Correio de Carajás

Mulheres comandam mais de 5 mil empresas em Marabá

Capital do Cobre no Brasil é a quinta cidade com maior número de empreendedoras no Pará; Parauapebas fica à frente, com mais de 7 mil mulheres na chefia

No Dia do Empreendedorismo, o Correio de Carajás conta a história de quatro mulheres donas do próprio negócio
Por: Milla Andrade

O empreendedorismo feminino tem se consolidado, nos últimos anos, como uma das principais forças da economia brasileira. Segundo a Jucepa (Junta Comercial do Estado do Pará), em Marabá, há 5.741 mulheres donas do próprio negócio, dados registrados em março deste ano. O número coloca o município na quinta colocação entre as cidades com maior volume de empresas comandadas por mulheres no Pará. A capital, Belém, lidera com 26.500 registros, seguida de Ananindeua (8.110), Parauapebas (7.113), Santarém (5.741) e Castanhal (4.411).

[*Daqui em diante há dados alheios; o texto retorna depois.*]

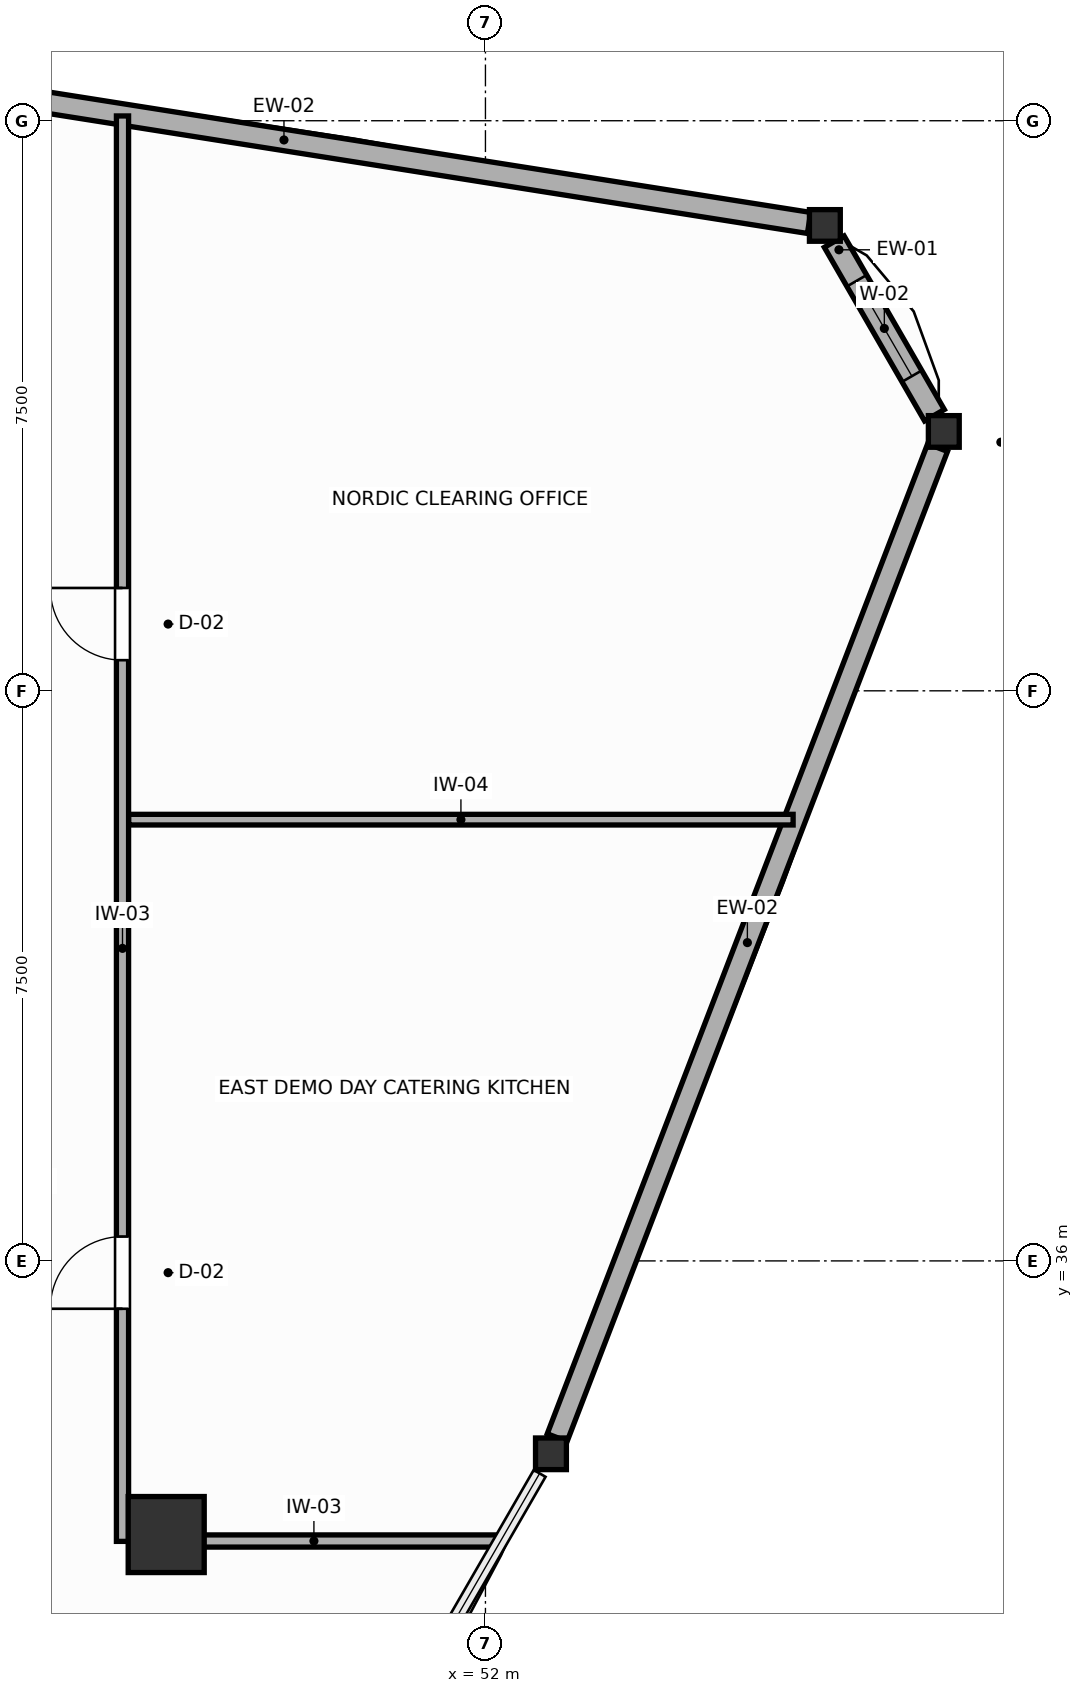
"""IFC4 building model, lengths in metres.
Left out: names, types, materials, properties, quantities, classifications, styles, units other than length and angle.
Written with IfcOpenShell. Run it as: python <this file> out.ifc"""

import sys

from ifc_helpers import new_model, si_unit, direction, frame, frame_2d, origin, origin_2d, place, context, subcontext, project, spatial, rectangle, i_section, extrude, source, transform, mapped, element, fill, save


model = new_model("IFC4")
c1 = context("Model", 3, precision=1e-05, world=origin(), true_north=direction((0.0, 1.0)))
c2 = subcontext(c1, "Body", "Model", "MODEL_VIEW")
j1 = project(units=[si_unit("LENGTHUNIT", "METRE"), si_unit("PLANEANGLEUNIT", "RADIAN")], contexts=[c1])
p1 = place(None, origin())
s1 = spatial("IfcSite", under=j1, at=p1, CompositionType="ELEMENT")
p2 = place(p1, origin())
s2 = spatial("IfcBuilding", under=s1, at=p2, CompositionType="ELEMENT")
p3 = place(p2, frame((0.0, 0.0, 193.8)))
s3 = spatial("IfcBuildingStorey", under=s2, at=p3, CompositionType="ELEMENT", Elevation=193.8)
m1 = source(origin(), c2, "Body", "SweptSolid", [
    extrude(rectangle(XDim=1.0, YDim=1.0, at=origin_2d()), origin(), (0.0, 0.0, 1.0), 3.6),
])
p4 = place(p3, frame((47.8, 32.4, 0.0), z_axis=(0.0, 0.0, 1.0), x_axis=(1.0, 0.0, 0.0)))
e1 = element("IfcColumn", 1, at=p4, inside=s3, PredefinedType="COLUMN", context=c2, shape_type="MappedRepresentation", body=[
    mapped(m1, transform((0.0, 0.0, 0.0), scale=1.0)),
])
m2 = source(origin(), c2, "Body", "SweptSolid", [
    extrude(i_section(OverallWidth=0.406, OverallDepth=0.416, WebThickness=0.027, FlangeThickness=0.044, FilletRadius=0.015, at=origin_2d()), origin(), (0.0, 0.0, 1.0), 3.6),
])
for number, where, z_axis, x_axis in (
    (2, (58.03, 46.912, 0.0), (0.0, 0.0, 1.0), (1.0, 0.0, 0.0)),
    (3, (56.466, 49.623, 0.0), (0.0, 0.0, 1.0), (1.0, 0.0, 0.0)),
    (4, (52.862, 33.462, 0.0), (0.0, 0.0, 1.0), (1.0, 0.0, 0.0)),
):
    element("IfcColumn", number, at=place(p3, frame(where, z_axis=z_axis, x_axis=x_axis)), inside=s3, PredefinedType="COLUMN", context=c2, shape_type="MappedRepresentation", body=[
        mapped(m2, transform((0.0, 0.0, 0.0), scale=1.0)),
    ])
p5 = place(p3, frame((57.907, 47.125, 0.0), z_axis=(0.0, 0.0, 1.0), x_axis=(-0.500061666259, 0.865989797826, 0.0)))
e5 = element("IfcWall", 5, at=p5, inside=s3, PredefinedType="SOLIDWALL", context=c2, shape_type="SweptSolid", body=[
    extrude(rectangle(XDim=2.637, YDim=0.3, at=frame_2d((1.319, 0.0))), origin(), (0.0, 0.0, 1.0), 3.01),
])
p6 = place(p5, frame((0.594, 0.0, 0.75)))
e6 = element("IfcOpeningElement", 6, at=p6, cuts=e5, PredefinedType="OPENING", context=c2, shape_type="SweptSolid", body=[
    extrude(rectangle(XDim=1.45, YDim=1.65, at=frame_2d((0.725, 0.825))), frame((0.0, 0.16, 0.0), z_axis=(0.0, -1.0, 0.0), x_axis=(1.0, 0.0, 0.0)), (0.0, 0.0, 1.0), 0.32),
])
p7 = place(p3, frame((56.258, 49.656, 0.0), z_axis=(0.0, 0.0, 1.0), x_axis=(-0.987743003355, 0.15608894683, 0.0)))
e7 = element("IfcWall", 7, at=p7, inside=s3, PredefinedType="SOLIDWALL", context=c2, shape_type="SweptSolid", body=[
    extrude(rectangle(XDim=13.988, YDim=0.28, at=frame_2d((6.994, 0.0))), origin(), (0.0, 0.0, 1.0), 3.01),
])
p8 = place(p3, frame((52.944, 33.675, 0.0), z_axis=(0.0, 0.0, 1.0), x_axis=(0.358703519473, 0.933451544065, 0.0)))
e8 = element("IfcWall", 8, at=p8, inside=s3, PredefinedType="SOLIDWALL", context=c2, shape_type="SweptSolid", body=[
    extrude(rectangle(XDim=13.953, YDim=0.28, at=frame_2d((6.976, 0.0))), origin(), (0.0, 0.0, 1.0), 3.01),
])
p9 = place(p3, frame((47.225, 32.31, 0.0), z_axis=(0.0, 0.0, 1.0), x_axis=(0.0, 1.0, 0.0)))
e9 = element("IfcWall", 9, at=p9, inside=s3, PredefinedType="PARTITIONING", context=c2, shape_type="SweptSolid", body=[
    extrude(rectangle(XDim=18.753, YDim=0.16, at=frame_2d((9.376, 0.0))), origin(), (0.0, 0.0, 1.0), 3.4),
])
p10 = place(p9, frame((3.06, 0.0, 0.0)))
e10 = element("IfcOpeningElement", 10, at=p10, cuts=e9, PredefinedType="OPENING", context=c2, shape_type="SweptSolid", body=[
    extrude(rectangle(XDim=0.95, YDim=2.05, at=frame_2d((0.475, 1.025))), frame((0.0, 0.09, 0.0), z_axis=(0.0, -1.0, 0.0), x_axis=(1.0, 0.0, 0.0)), (0.0, 0.0, 1.0), 0.18),
])
p11 = place(p9, frame((11.593, 0.0, 0.0)))
e11 = element("IfcOpeningElement", 11, at=p11, cuts=e9, PredefinedType="OPENING", context=c2, shape_type="SweptSolid", body=[
    extrude(rectangle(XDim=0.95, YDim=2.05, at=frame_2d((0.475, 1.025))), frame((0.0, 0.09, 0.0), z_axis=(0.0, -1.0, 0.0), x_axis=(1.0, 0.0, 0.0)), (0.0, 0.0, 1.0), 0.18),
])
p12 = place(p3, frame((47.307, 32.315, 0.0), z_axis=(0.0, 0.0, 1.0), x_axis=(1.0, 0.0, 0.0)))
e12 = element("IfcWall", 12, at=p12, inside=s3, PredefinedType="PARTITIONING", context=c2, shape_type="SweptSolid", body=[
    extrude(rectangle(XDim=4.873, YDim=0.16, at=frame_2d((2.437, 0.0))), origin(), (0.0, 0.0, 1.0), 2.95),
])
p13 = place(p3, frame((47.307, 41.805, 0.0), z_axis=(0.0, 0.0, 1.0), x_axis=(1.0, 0.0, 0.0)))
e13 = element("IfcWall", 13, at=p13, inside=s3, PredefinedType="PARTITIONING", context=c2, shape_type="SweptSolid", body=[
    extrude(rectangle(XDim=8.741, YDim=0.14, at=frame_2d((4.37, 0.0))), origin(), (0.0, 0.0, 1.0), 3.4),
])
p14 = place(p6, origin())
e14 = element("IfcWindow", 14, at=p14, inside=s3, PartitioningType="SINGLE_PANEL", PredefinedType="WINDOW", context=c2, shape_type="SweptSolid", body=[
    extrude(rectangle(XDim=1.45, YDim=1.65, at=frame_2d((0.725, 0.825))), frame((0.0, 0.03, 0.0), z_axis=(0.0, -1.0, 0.0), x_axis=(1.0, 0.0, 0.0)), (0.0, 0.0, 1.0), 0.06),
])
fill(e6, e14)
p15 = place(p10, origin())
e15 = element("IfcDoor", 15, at=p15, inside=s3, OperationType="SINGLE_SWING_LEFT", PredefinedType="DOOR", context=c2, shape_type="SweptSolid", body=[
    extrude(rectangle(XDim=0.95, YDim=2.05, at=frame_2d((0.475, 1.025))), frame((0.0, 0.025, 0.0), z_axis=(0.0, -1.0, 0.0), x_axis=(1.0, 0.0, 0.0)), (0.0, 0.0, 1.0), 0.05),
])
fill(e10, e15)
p16 = place(p11, origin())
e16 = element("IfcDoor", 16, at=p16, inside=s3, OperationType="SINGLE_SWING_RIGHT", PredefinedType="DOOR", context=c2, shape_type="SweptSolid", body=[
    extrude(rectangle(XDim=0.95, YDim=2.05, at=frame_2d((0.475, 1.025))), frame((0.0, 0.025, 0.0), z_axis=(0.0, -1.0, 0.0), x_axis=(1.0, 0.0, 0.0)), (0.0, 0.0, 1.0), 0.05),
])
fill(e11, e16)
save(model, sys.argv[1])

De acordo com o Sebrae, em 2022, um total de 10,35 milhões de mulheres lideravam negócios no país. O crescimento segue avançando, impulsionado pela busca por independência financeira, realização pessoal e, muitas vezes, liberdade para conciliar trabalho e família.

Entre 2019 e 2023, esse avanço foi destaque. Em 2024, a participação feminina no meio empresarial chegou a 46,8%. Segundo a Jucepa, cerca de 40.299 mulheres atuam no comércio varejista no Pará, o que representa 40% do setor. Outro segmento de destaque é o alimentício, com 7.450 empresas comandadas por mulheres.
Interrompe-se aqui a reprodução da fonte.